Nur diese zwei Geräte stellen also einen wirksamen Schutz für den Speicher dar. Zu bedenken ist, dass zum hohen Anschaffungspreis von über 20.000 Schilling noch Kosten für die Montage einkalkuliert werden müssen. Anders als Geräte, die einfach auf das Leitungsrohr aufgesteckt werden, müssen sie vom Installateur in die Wasserleitung eingebaut werden (Inrohrmontage). Außerdem fallen periodisch Kosten für die Granulatkartuschen an.

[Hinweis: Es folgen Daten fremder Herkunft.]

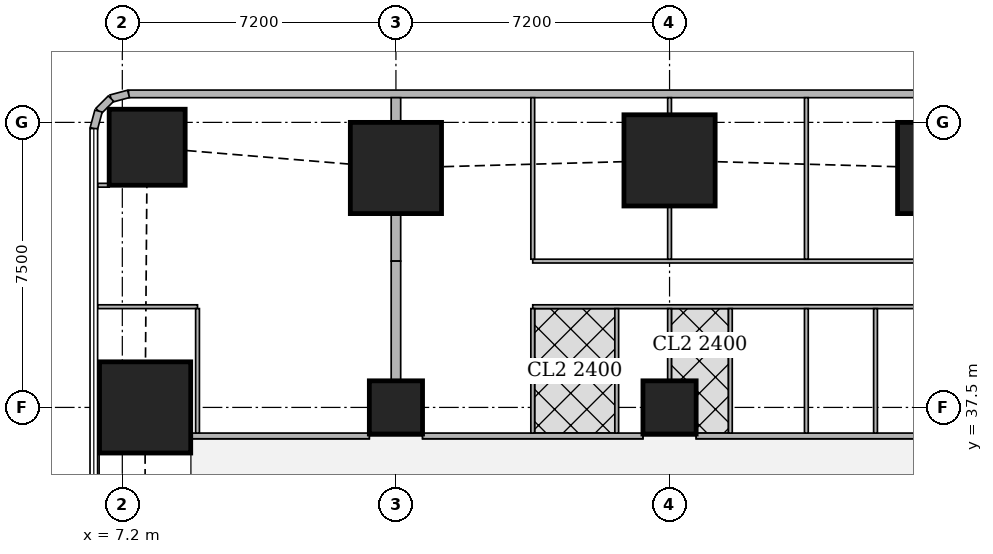
"""IFC4 building model, lengths in metres.
Left out: names, types, materials, properties, quantities, classifications, styles, units other than length and angle.
Written with IfcOpenShell. Run it as: python <this file> out.ifc"""

import sys

from ifc_helpers import new_model, si_unit, direction, frame, frame_2d, origin, origin_2d, place, context, subcontext, project, spatial, rectangle, extrude, element, fill, save


model = new_model("IFC4")
c1 = context("Model", 3, precision=1e-05, world=origin(), true_north=direction((0.0, 1.0)))
c2 = subcontext(c1, "Body", "Model", "MODEL_VIEW")
j1 = project(units=[si_unit("LENGTHUNIT", "METRE"), si_unit("PLANEANGLEUNIT", "RADIAN")], contexts=[c1])
p1 = place(None, origin())
s1 = spatial("IfcSite", under=j1, at=p1, CompositionType="ELEMENT")
p2 = place(p1, origin())
s2 = spatial("IfcBuilding", under=s1, at=p2, CompositionType="ELEMENT")
p3 = place(p2, frame((0.0, 0.0, 193.7)))
s3 = spatial("IfcBuildingStorey", under=s2, at=p3, CompositionType="ELEMENT", Elevation=193.7)
p4 = place(p3, frame((7.8, 37.5, 0.0), z_axis=(0.0, 0.0, 1.0), x_axis=(1.0, 0.0, 0.0)))
e1 = element("IfcColumn", 1, at=p4, inside=s3, PredefinedType="COLUMN", context=c2, shape_type="SweptSolid", body=[
    extrude(rectangle(XDim=2.4, YDim=2.4, at=origin_2d()), origin(), (0.0, 0.0, 1.0), 3.75),
])
for number, where, z_axis, x_axis in (
    (2, (14.4, 37.5, 0.0), (0.0, 0.0, 1.0), (1.0, 0.0, 0.0)),
    (3, (21.6, 37.5, 0.0), (0.0, 0.0, 1.0), (1.0, 0.0, 0.0)),
):
    element("IfcColumn", number, at=place(p3, frame(where, z_axis=z_axis, x_axis=x_axis)), inside=s3, PredefinedType="COLUMN", context=c2, shape_type="SweptSolid", body=[
        extrude(rectangle(XDim=1.4, YDim=1.4, at=origin_2d()), origin(), (0.0, 0.0, 1.0), 3.75),
    ])
p5 = place(p3, frame((7.854, 44.346, 0.0), z_axis=(0.0, 0.0, 1.0), x_axis=(1.0, 0.0, 0.0)))
e4 = element("IfcColumn", 4, at=p5, inside=s3, PredefinedType="COLUMN", context=c2, shape_type="SweptSolid", body=[
    extrude(rectangle(XDim=2.0, YDim=2.0, at=origin_2d()), origin(), (0.0, 0.0, 1.0), 3.75),
])
for number, where, z_axis, x_axis in (
    (5, (14.4, 43.8, 0.0), (0.0, 0.0, 1.0), (1.0, 0.0, 0.0)),
    (6, (21.6, 44.0, 0.0), (0.0, 0.0, 1.0), (1.0, 0.0, 0.0)),
    (7, (28.8, 43.8, 0.0), (0.0, 0.0, 1.0), (1.0, 0.0, 0.0)),
):
    element("IfcColumn", number, at=place(p3, frame(where, z_axis=z_axis, x_axis=x_axis)), inside=s3, PredefinedType="COLUMN", context=c2, shape_type="SweptSolid", body=[
        extrude(rectangle(XDim=2.4, YDim=2.4, at=origin_2d()), origin(), (0.0, 0.0, 1.0), 3.75),
    ])
p6 = place(p3, frame((40.106, 45.75, 0.0), z_axis=(0.0, 0.0, 1.0), x_axis=(-1.0, 0.0, 0.0)))
e8 = element("IfcWall", 8, at=p6, inside=s3, PredefinedType="SOLIDWALL", context=c2, shape_type="SweptSolid", body=[
    extrude(rectangle(XDim=32.743, YDim=0.2, at=frame_2d((16.372, 0.0))), origin(), (0.0, 0.0, 1.0), 3.5),
])
p7 = place(p6, frame((8.606, 0.0, 0.9)))
e9 = element("IfcOpeningElement", 9, at=p7, cuts=e8, PredefinedType="OPENING", context=c2, shape_type="SweptSolid", body=[
    extrude(rectangle(XDim=1.8, YDim=1.5, at=frame_2d((0.9, 0.75))), frame((0.0, 0.11, 0.0), z_axis=(0.0, -1.0, 0.0), x_axis=(1.0, 0.0, 0.0)), (0.0, 0.0, 1.0), 0.22),
])
p8 = place(p6, frame((12.206, 0.0, 0.9)))
e10 = element("IfcOpeningElement", 10, at=p8, cuts=e8, PredefinedType="OPENING", context=c2, shape_type="SweptSolid", body=[
    extrude(rectangle(XDim=1.8, YDim=1.5, at=frame_2d((0.9, 0.75))), frame((0.0, 0.11, 0.0), z_axis=(0.0, -1.0, 0.0), x_axis=(1.0, 0.0, 0.0)), (0.0, 0.0, 1.0), 0.22),
])
p9 = place(p6, frame((15.806, 0.0, 0.9)))
e11 = element("IfcOpeningElement", 11, at=p9, cuts=e8, PredefinedType="OPENING", context=c2, shape_type="SweptSolid", body=[
    extrude(rectangle(XDim=1.8, YDim=1.5, at=frame_2d((0.9, 0.75))), frame((0.0, 0.11, 0.0), z_axis=(0.0, -1.0, 0.0), x_axis=(1.0, 0.0, 0.0)), (0.0, 0.0, 1.0), 0.22),
])
p10 = place(p6, frame((19.406, 0.0, 0.9)))
e12 = element("IfcOpeningElement", 12, at=p10, cuts=e8, PredefinedType="OPENING", context=c2, shape_type="SweptSolid", body=[
    extrude(rectangle(XDim=1.8, YDim=1.5, at=frame_2d((0.9, 0.75))), frame((0.0, 0.11, 0.0), z_axis=(0.0, -1.0, 0.0), x_axis=(1.0, 0.0, 0.0)), (0.0, 0.0, 1.0), 0.22),
])
p11 = place(p6, frame((23.006, 0.0, 0.9)))
e13 = element("IfcOpeningElement", 13, at=p11, cuts=e8, PredefinedType="OPENING", context=c2, shape_type="SweptSolid", body=[
    extrude(rectangle(XDim=1.8, YDim=1.5, at=frame_2d((0.9, 0.75))), frame((0.0, 0.11, 0.0), z_axis=(0.0, -1.0, 0.0), x_axis=(1.0, 0.0, 0.0)), (0.0, 0.0, 1.0), 0.22),
])
p12 = place(p6, frame((28.025, 0.0, 0.9)))
e14 = element("IfcOpeningElement", 14, at=p12, cuts=e8, PredefinedType="OPENING", context=c2, shape_type="SweptSolid", body=[
    extrude(rectangle(XDim=2.4, YDim=1.5, at=frame_2d((1.2, 0.75))), frame((0.0, 0.11, 0.0), z_axis=(0.0, -1.0, 0.0), x_axis=(1.0, 0.0, 0.0)), (0.0, 0.0, 1.0), 0.22),
])
p13 = place(p3, frame((7.363, 45.75, 0.0), z_axis=(0.0, 0.0, 1.0), x_axis=(-0.965655254015, -0.259826731483, 0.0)))
e15 = element("IfcWall", 15, at=p13, inside=s3, PredefinedType="SOLIDWALL", context=c2, shape_type="SweptSolid", body=[
    extrude(rectangle(XDim=0.477, YDim=0.2, at=frame_2d((0.239, 0.0))), origin(), (0.0, 0.0, 1.0), 3.5),
])
p14 = place(p3, frame((6.902, 45.626, 0.0), z_axis=(0.0, 0.0, 1.0), x_axis=(-0.707369890659, -0.706843573776, 0.0)))
e16 = element("IfcWall", 16, at=p14, inside=s3, PredefinedType="SOLIDWALL", context=c2, shape_type="SweptSolid", body=[
    extrude(rectangle(XDim=0.464, YDim=0.2, at=frame_2d((0.232, 0.0))), origin(), (0.0, 0.0, 1.0), 3.5),
])
p15 = place(p3, frame((6.574, 45.298, 0.0), z_axis=(0.0, 0.0, 1.0), x_axis=(-0.259698463175, -0.965689757751, 0.0)))
e17 = element("IfcWall", 17, at=p15, inside=s3, PredefinedType="SOLIDWALL", context=c2, shape_type="SweptSolid", body=[
    extrude(rectangle(XDim=0.478, YDim=0.2, at=frame_2d((0.239, 0.0))), origin(), (0.0, 0.0, 1.0), 3.5),
])
p16 = place(p3, frame((9.001, 36.75, 0.0), z_axis=(0.0, 0.0, 1.0), x_axis=(1.0, 0.0, 0.0)))
e18 = element("IfcWall", 18, at=p16, inside=s3, PredefinedType="SOLIDWALL", context=c2, shape_type="SweptSolid", body=[
    extrude(rectangle(XDim=4.698, YDim=0.15, at=frame_2d((2.349, 0.0))), origin(), (0.0, 0.0, 1.0), 3.5),
])
p17 = place(p16, frame((0.353, 0.0, 0.0)))
e19 = element("IfcOpeningElement", 19, at=p17, cuts=e18, PredefinedType="OPENING", context=c2, shape_type="SweptSolid", body=[
    extrude(rectangle(XDim=1.0, YDim=2.1, at=frame_2d((0.5, 1.05))), frame((0.0, 0.085, 0.0), z_axis=(0.0, -1.0, 0.0), x_axis=(1.0, 0.0, 0.0)), (0.0, 0.0, 1.0), 0.17),
])
p18 = place(p3, frame((15.101, 36.75, 0.0), z_axis=(0.0, 0.0, 1.0), x_axis=(1.0, 0.0, 0.0)))
e20 = element("IfcWall", 20, at=p18, inside=s3, PredefinedType="SOLIDWALL", context=c2, shape_type="SweptSolid", body=[
    extrude(rectangle(XDim=5.798, YDim=0.15, at=frame_2d((2.899, 0.0))), origin(), (0.0, 0.0, 1.0), 3.5),
])
p19 = place(p18, frame((0.799, 0.0, 0.0)))
e21 = element("IfcOpeningElement", 21, at=p19, cuts=e20, PredefinedType="OPENING", context=c2, shape_type="SweptSolid", body=[
    extrude(rectangle(XDim=1.0, YDim=2.1, at=frame_2d((0.5, 1.05))), frame((0.0, 0.085, 0.0), z_axis=(0.0, -1.0, 0.0), x_axis=(1.0, 0.0, 0.0)), (0.0, 0.0, 1.0), 0.17),
])
p20 = place(p3, frame((22.301, 36.75, 0.0), z_axis=(0.0, 0.0, 1.0), x_axis=(1.0, 0.0, 0.0)))
e22 = element("IfcWall", 22, at=p20, inside=s3, PredefinedType="SOLIDWALL", context=c2, shape_type="SweptSolid", body=[
    extrude(rectangle(XDim=5.798, YDim=0.15, at=frame_2d((2.899, 0.0))), origin(), (0.0, 0.0, 1.0), 3.5),
])
p21 = place(p3, frame((6.854, 43.346, 0.0), z_axis=(0.0, 0.0, 1.0), x_axis=(-1.0, 0.0, 0.0)))
e23 = element("IfcWall", 23, at=p21, inside=s3, PredefinedType="PARTITIONING", context=c2, shape_type="SweptSolid", body=[
    extrude(rectangle(XDim=0.304, YDim=0.1, at=frame_2d((0.152, 0.0))), origin(), (0.0, 0.0, 1.0), 2.05),
])
p22 = place(p3, frame((6.55, 40.15, 0.0), z_axis=(0.0, 0.0, 1.0), x_axis=(1.0, 0.0, 0.0)))
e24 = element("IfcWall", 24, at=p22, inside=s3, PredefinedType="PARTITIONING", context=c2, shape_type="SweptSolid", body=[
    extrude(rectangle(XDim=2.629, YDim=0.1, at=frame_2d((1.314, 0.0))), origin(), (0.0, 0.0, 1.0), 2.05),
])
p23 = place(p3, frame((9.179, 36.825, 0.0), z_axis=(0.0, 0.0, 1.0), x_axis=(0.0, 1.0, 0.0)))
e25 = element("IfcWall", 25, at=p23, inside=s3, PredefinedType="PARTITIONING", context=c2, shape_type="SweptSolid", body=[
    extrude(rectangle(XDim=3.275, YDim=0.1, at=frame_2d((1.638, 0.0))), origin(), (0.0, 0.0, 1.0), 3.5),
])
p24 = place(p23, frame((2.225, 0.0, 0.0)))
e26 = element("IfcOpeningElement", 26, at=p24, cuts=e25, PredefinedType="OPENING", context=c2, shape_type="SweptSolid", body=[
    extrude(rectangle(XDim=0.9, YDim=2.1, at=frame_2d((0.45, 1.05))), frame((0.0, 0.06, 0.0), z_axis=(0.0, -1.0, 0.0), x_axis=(1.0, 0.0, 0.0)), (0.0, 0.0, 1.0), 0.12),
])
p25 = place(p3, frame((18.0, 41.35, 0.0), z_axis=(0.0, 0.0, 1.0), x_axis=(1.0, 0.0, 0.0)))
e27 = element("IfcWall", 27, at=p25, inside=s3, PredefinedType="PARTITIONING", context=c2, shape_type="SweptSolid", body=[
    extrude(rectangle(XDim=10.675, YDim=0.1, at=frame_2d((5.337, 0.0))), origin(), (0.0, 0.0, 1.0), 3.5),
])
p26 = place(p25, frame((0.2, 0.0, 0.0)))
e28 = element("IfcOpeningElement", 28, at=p26, cuts=e27, PredefinedType="OPENING", context=c2, shape_type="SweptSolid", body=[
    extrude(rectangle(XDim=0.9, YDim=2.1, at=frame_2d((0.45, 1.05))), frame((0.0, 0.06, 0.0), z_axis=(0.0, -1.0, 0.0), x_axis=(1.0, 0.0, 0.0)), (0.0, 0.0, 1.0), 0.12),
])
p27 = place(p25, frame((3.8, 0.0, 0.0)))
e29 = element("IfcOpeningElement", 29, at=p27, cuts=e27, PredefinedType="OPENING", context=c2, shape_type="SweptSolid", body=[
    extrude(rectangle(XDim=0.9, YDim=2.1, at=frame_2d((0.45, 1.05))), frame((0.0, 0.06, 0.0), z_axis=(0.0, -1.0, 0.0), x_axis=(1.0, 0.0, 0.0)), (0.0, 0.0, 1.0), 0.12),
])
p28 = place(p25, frame((7.4, 0.0, 0.0)))
e30 = element("IfcOpeningElement", 30, at=p28, cuts=e27, PredefinedType="OPENING", context=c2, shape_type="SweptSolid", body=[
    extrude(rectangle(XDim=0.9, YDim=2.1, at=frame_2d((0.45, 1.05))), frame((0.0, 0.06, 0.0), z_axis=(0.0, -1.0, 0.0), x_axis=(1.0, 0.0, 0.0)), (0.0, 0.0, 1.0), 0.12),
])
p29 = place(p3, frame((18.0, 40.15, 0.0), z_axis=(0.0, 0.0, 1.0), x_axis=(1.0, 0.0, 0.0)))
e31 = element("IfcWall", 31, at=p29, inside=s3, PredefinedType="PARTITIONING", context=c2, shape_type="SweptSolid", body=[
    extrude(rectangle(XDim=10.675, YDim=0.1, at=frame_2d((5.337, 0.0))), origin(), (0.0, 0.0, 1.0), 3.5),
])
p30 = place(p29, frame((0.655, 0.0, 0.0)))
e32 = element("IfcOpeningElement", 32, at=p30, cuts=e31, PredefinedType="OPENING", context=c2, shape_type="SweptSolid", body=[
    extrude(rectangle(XDim=0.9, YDim=2.1, at=frame_2d((0.45, 1.05))), frame((0.0, 0.06, 0.0), z_axis=(0.0, -1.0, 0.0), x_axis=(1.0, 0.0, 0.0)), (0.0, 0.0, 1.0), 0.12),
])
p31 = place(p29, frame((3.95, 0.0, 0.0)))
e33 = element("IfcOpeningElement", 33, at=p31, cuts=e31, PredefinedType="OPENING", context=c2, shape_type="SweptSolid", body=[
    extrude(rectangle(XDim=0.9, YDim=2.1, at=frame_2d((0.45, 1.05))), frame((0.0, 0.06, 0.0), z_axis=(0.0, -1.0, 0.0), x_axis=(1.0, 0.0, 0.0)), (0.0, 0.0, 1.0), 0.12),
])
p32 = place(p29, frame((7.66, 0.0, 0.0)))
e34 = element("IfcOpeningElement", 34, at=p32, cuts=e31, PredefinedType="OPENING", context=c2, shape_type="SweptSolid", body=[
    extrude(rectangle(XDim=0.9, YDim=2.1, at=frame_2d((0.45, 1.05))), frame((0.0, 0.06, 0.0), z_axis=(0.0, -1.0, 0.0), x_axis=(1.0, 0.0, 0.0)), (0.0, 0.0, 1.0), 0.12),
])
p33 = place(p29, frame((2.455, 0.0, 0.0)))
e35 = element("IfcOpeningElement", 35, at=p33, cuts=e31, PredefinedType="OPENING", context=c2, shape_type="SweptSolid", body=[
    extrude(rectangle(XDim=0.9, YDim=2.1, at=frame_2d((0.45, 1.05))), frame((0.0, 0.06, 0.0), z_axis=(0.0, -1.0, 0.0), x_axis=(1.0, 0.0, 0.0)), (0.0, 0.0, 1.0), 0.12),
])
p34 = place(p29, frame((5.75, 0.0, 0.0)))
e36 = element("IfcOpeningElement", 36, at=p34, cuts=e31, PredefinedType="OPENING", context=c2, shape_type="SweptSolid", body=[
    extrude(rectangle(XDim=0.9, YDim=2.1, at=frame_2d((0.45, 1.05))), frame((0.0, 0.06, 0.0), z_axis=(0.0, -1.0, 0.0), x_axis=(1.0, 0.0, 0.0)), (0.0, 0.0, 1.0), 0.12),
])
p35 = place(p29, frame((9.46, 0.0, 0.0)))
e37 = element("IfcOpeningElement", 37, at=p35, cuts=e31, PredefinedType="OPENING", context=c2, shape_type="SweptSolid", body=[
    extrude(rectangle(XDim=0.9, YDim=2.1, at=frame_2d((0.45, 1.05))), frame((0.0, 0.06, 0.0), z_axis=(0.0, -1.0, 0.0), x_axis=(1.0, 0.0, 0.0)), (0.0, 0.0, 1.0), 0.12),
])
p36 = place(p3, frame((18.0, 41.4, 0.0), z_axis=(0.0, 0.0, 1.0), x_axis=(0.0, 1.0, 0.0)))
e38 = element("IfcWall", 38, at=p36, inside=s3, PredefinedType="PARTITIONING", context=c2, shape_type="SweptSolid", body=[
    extrude(rectangle(XDim=4.25, YDim=0.1, at=frame_2d((2.125, 0.0))), origin(), (0.0, 0.0, 1.0), 2.05),
])
p37 = place(p3, frame((21.6, 41.4, 0.0), z_axis=(0.0, 0.0, 1.0), x_axis=(0.0, 1.0, 0.0)))
e39 = element("IfcWall", 39, at=p37, inside=s3, PredefinedType="PARTITIONING", context=c2, shape_type="SweptSolid", body=[
    extrude(rectangle(XDim=1.399, YDim=0.1, at=frame_2d((0.7, 0.0))), origin(), (0.0, 0.0, 1.0), 3.5),
])
p38 = place(p3, frame((21.6, 45.201, 0.0), z_axis=(0.0, 0.0, 1.0), x_axis=(0.0, 1.0, 0.0)))
e40 = element("IfcWall", 40, at=p38, inside=s3, PredefinedType="PARTITIONING", context=c2, shape_type="SweptSolid", body=[
    extrude(rectangle(XDim=0.449, YDim=0.1, at=frame_2d((0.225, 0.0))), origin(), (0.0, 0.0, 1.0), 3.5),
])
p39 = place(p3, frame((25.2, 41.4, 0.0), z_axis=(0.0, 0.0, 1.0), x_axis=(0.0, 1.0, 0.0)))
e41 = element("IfcWall", 41, at=p39, inside=s3, PredefinedType="PARTITIONING", context=c2, shape_type="SweptSolid", body=[
    extrude(rectangle(XDim=4.25, YDim=0.1, at=frame_2d((2.125, 0.0))), origin(), (0.0, 0.0, 1.0), 2.05),
])
p40 = place(p3, frame((18.0, 36.825, 0.0), z_axis=(0.0, 0.0, 1.0), x_axis=(0.0, 1.0, 0.0)))
e42 = element("IfcWall", 42, at=p40, inside=s3, PredefinedType="PARTITIONING", context=c2, shape_type="SweptSolid", body=[
    extrude(rectangle(XDim=3.275, YDim=0.1, at=frame_2d((1.638, 0.0))), origin(), (0.0, 0.0, 1.0), 3.5),
])
p41 = place(p3, frame((21.6, 38.201, 0.0), z_axis=(0.0, 0.0, 1.0), x_axis=(0.0, 1.0, 0.0)))
e43 = element("IfcWall", 43, at=p41, inside=s3, PredefinedType="PARTITIONING", context=c2, shape_type="SweptSolid", body=[
    extrude(rectangle(XDim=1.899, YDim=0.1, at=frame_2d((0.95, 0.0))), origin(), (0.0, 0.0, 1.0), 3.5),
])
for number, where, z_axis, x_axis in (
    (44, (25.2, 36.825, 0.0), (0.0, 0.0, 1.0), (0.0, 1.0, 0.0)),
    (45, (20.21, 36.825, 0.0), (0.0, 0.0, 1.0), (0.0, 1.0, 0.0)),
    (46, (23.2, 36.825, 0.0), (0.0, 0.0, 1.0), (0.0, 1.0, 0.0)),
    (47, (27.02, 36.825, 0.0), (0.0, 0.0, 1.0), (0.0, 1.0, 0.0)),
):
    element("IfcWall", number, at=place(p3, frame(where, z_axis=z_axis, x_axis=x_axis)), inside=s3, PredefinedType="PARTITIONING", context=c2, shape_type="SweptSolid", body=[
        extrude(rectangle(XDim=3.275, YDim=0.1, at=frame_2d((1.638, 0.0))), origin(), (0.0, 0.0, 1.0), 3.5),
    ])
p42 = place(p3, frame((14.4, 41.35, 0.0), z_axis=(0.0, 0.0, 1.0), x_axis=(0.0, 1.0, 0.0)))
e48 = element("IfcWall", 48, at=p42, inside=s3, PredefinedType="SOLIDWALL", context=c2, shape_type="SweptSolid", body=[
    extrude(rectangle(XDim=1.249, YDim=0.25, at=frame_2d((0.625, 0.0))), origin(), (0.0, 0.0, 1.0), 2.05),
])
p43 = place(p3, frame((14.4, 45.001, 0.0), z_axis=(0.0, 0.0, 1.0), x_axis=(0.0, 1.0, 0.0)))
e49 = element("IfcWall", 49, at=p43, inside=s3, PredefinedType="SOLIDWALL", context=c2, shape_type="SweptSolid", body=[
    extrude(rectangle(XDim=0.649, YDim=0.25, at=frame_2d((0.324, 0.0))), origin(), (0.0, 0.0, 1.0), 2.05),
])
p44 = place(p3, frame((14.4, 38.201, 0.0), z_axis=(0.0, 0.0, 1.0), x_axis=(0.0, 1.0, 0.0)))
e50 = element("IfcWall", 50, at=p44, inside=s3, PredefinedType="SOLIDWALL", context=c2, shape_type="SweptSolid", body=[
    extrude(rectangle(XDim=3.149, YDim=0.25, at=frame_2d((1.575, 0.0))), origin(), (0.0, 0.0, 1.0), 3.5),
])
p45 = place(p8, origin())
e51 = element("IfcWindow", 51, at=p45, inside=s3, PartitioningType="SINGLE_PANEL", PredefinedType="WINDOW", context=c2, shape_type="SweptSolid", body=[
    extrude(rectangle(XDim=1.8, YDim=1.5, at=frame_2d((0.9, 0.75))), frame((0.0, 0.03, 0.0), z_axis=(0.0, -1.0, 0.0), x_axis=(1.0, 0.0, 0.0)), (0.0, 0.0, 1.0), 0.06),
])
fill(e10, e51)
p46 = place(p9, origin())
e52 = element("IfcWindow", 52, at=p46, inside=s3, PartitioningType="SINGLE_PANEL", PredefinedType="WINDOW", context=c2, shape_type="SweptSolid", body=[
    extrude(rectangle(XDim=1.8, YDim=1.5, at=frame_2d((0.9, 0.75))), frame((0.0, 0.03, 0.0), z_axis=(0.0, -1.0, 0.0), x_axis=(1.0, 0.0, 0.0)), (0.0, 0.0, 1.0), 0.06),
])
fill(e11, e52)
p47 = place(p10, origin())
e53 = element("IfcWindow", 53, at=p47, inside=s3, PartitioningType="SINGLE_PANEL", PredefinedType="WINDOW", context=c2, shape_type="SweptSolid", body=[
    extrude(rectangle(XDim=1.8, YDim=1.5, at=frame_2d((0.9, 0.75))), frame((0.0, 0.03, 0.0), z_axis=(0.0, -1.0, 0.0), x_axis=(1.0, 0.0, 0.0)), (0.0, 0.0, 1.0), 0.06),
])
fill(e12, e53)
p48 = place(p11, origin())
e54 = element("IfcWindow", 54, at=p48, inside=s3, PartitioningType="SINGLE_PANEL", PredefinedType="WINDOW", context=c2, shape_type="SweptSolid", body=[
    extrude(rectangle(XDim=1.8, YDim=1.5, at=frame_2d((0.9, 0.75))), frame((0.0, 0.03, 0.0), z_axis=(0.0, -1.0, 0.0), x_axis=(1.0, 0.0, 0.0)), (0.0, 0.0, 1.0), 0.06),
])
fill(e13, e54)
p49 = place(p12, origin())
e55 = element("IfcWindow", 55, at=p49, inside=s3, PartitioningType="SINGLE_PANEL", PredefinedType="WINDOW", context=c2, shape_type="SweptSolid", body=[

Das negative Testergebnis lässt in der Branche die Alarmglocken schrillen. Gleich vier Hersteller haben bereits vor Vorliegen des Testergebnisses ultimativ verlangt, dass ihr Produkt aus dem Test genommen wird. Was nicht gerade von hohem Selbstvertrauen zeugt. Vor allem aber ist es ein Versuch, den Konsumenten unabhängige Produktinformationen vorzuenthalten.

Vorsicht

Vorsicht ist bei Wasservitalisierern oder Wasserenergetisieren geboten. Es entspricht der üblichen Praxis in der Branche, dass Hersteller den Einsatzzweck ihrer Geräte ändern, wenn sich herumgesprochen hat, dass sie zur Vermeidung von Kalkstein nicht taugen. Dann dient der Wasserbehandler eben zur „Wiedergewinnung verlorengegangener Energieinhalte“ oder Ähnlichem. Die Frage, ob einem solche Wirkungen, die wissenschaftlich nicht nachgewiesen werden können, 10.000 Schilling und mehr wert sind, kann nur jeder für sich selbst beantworten.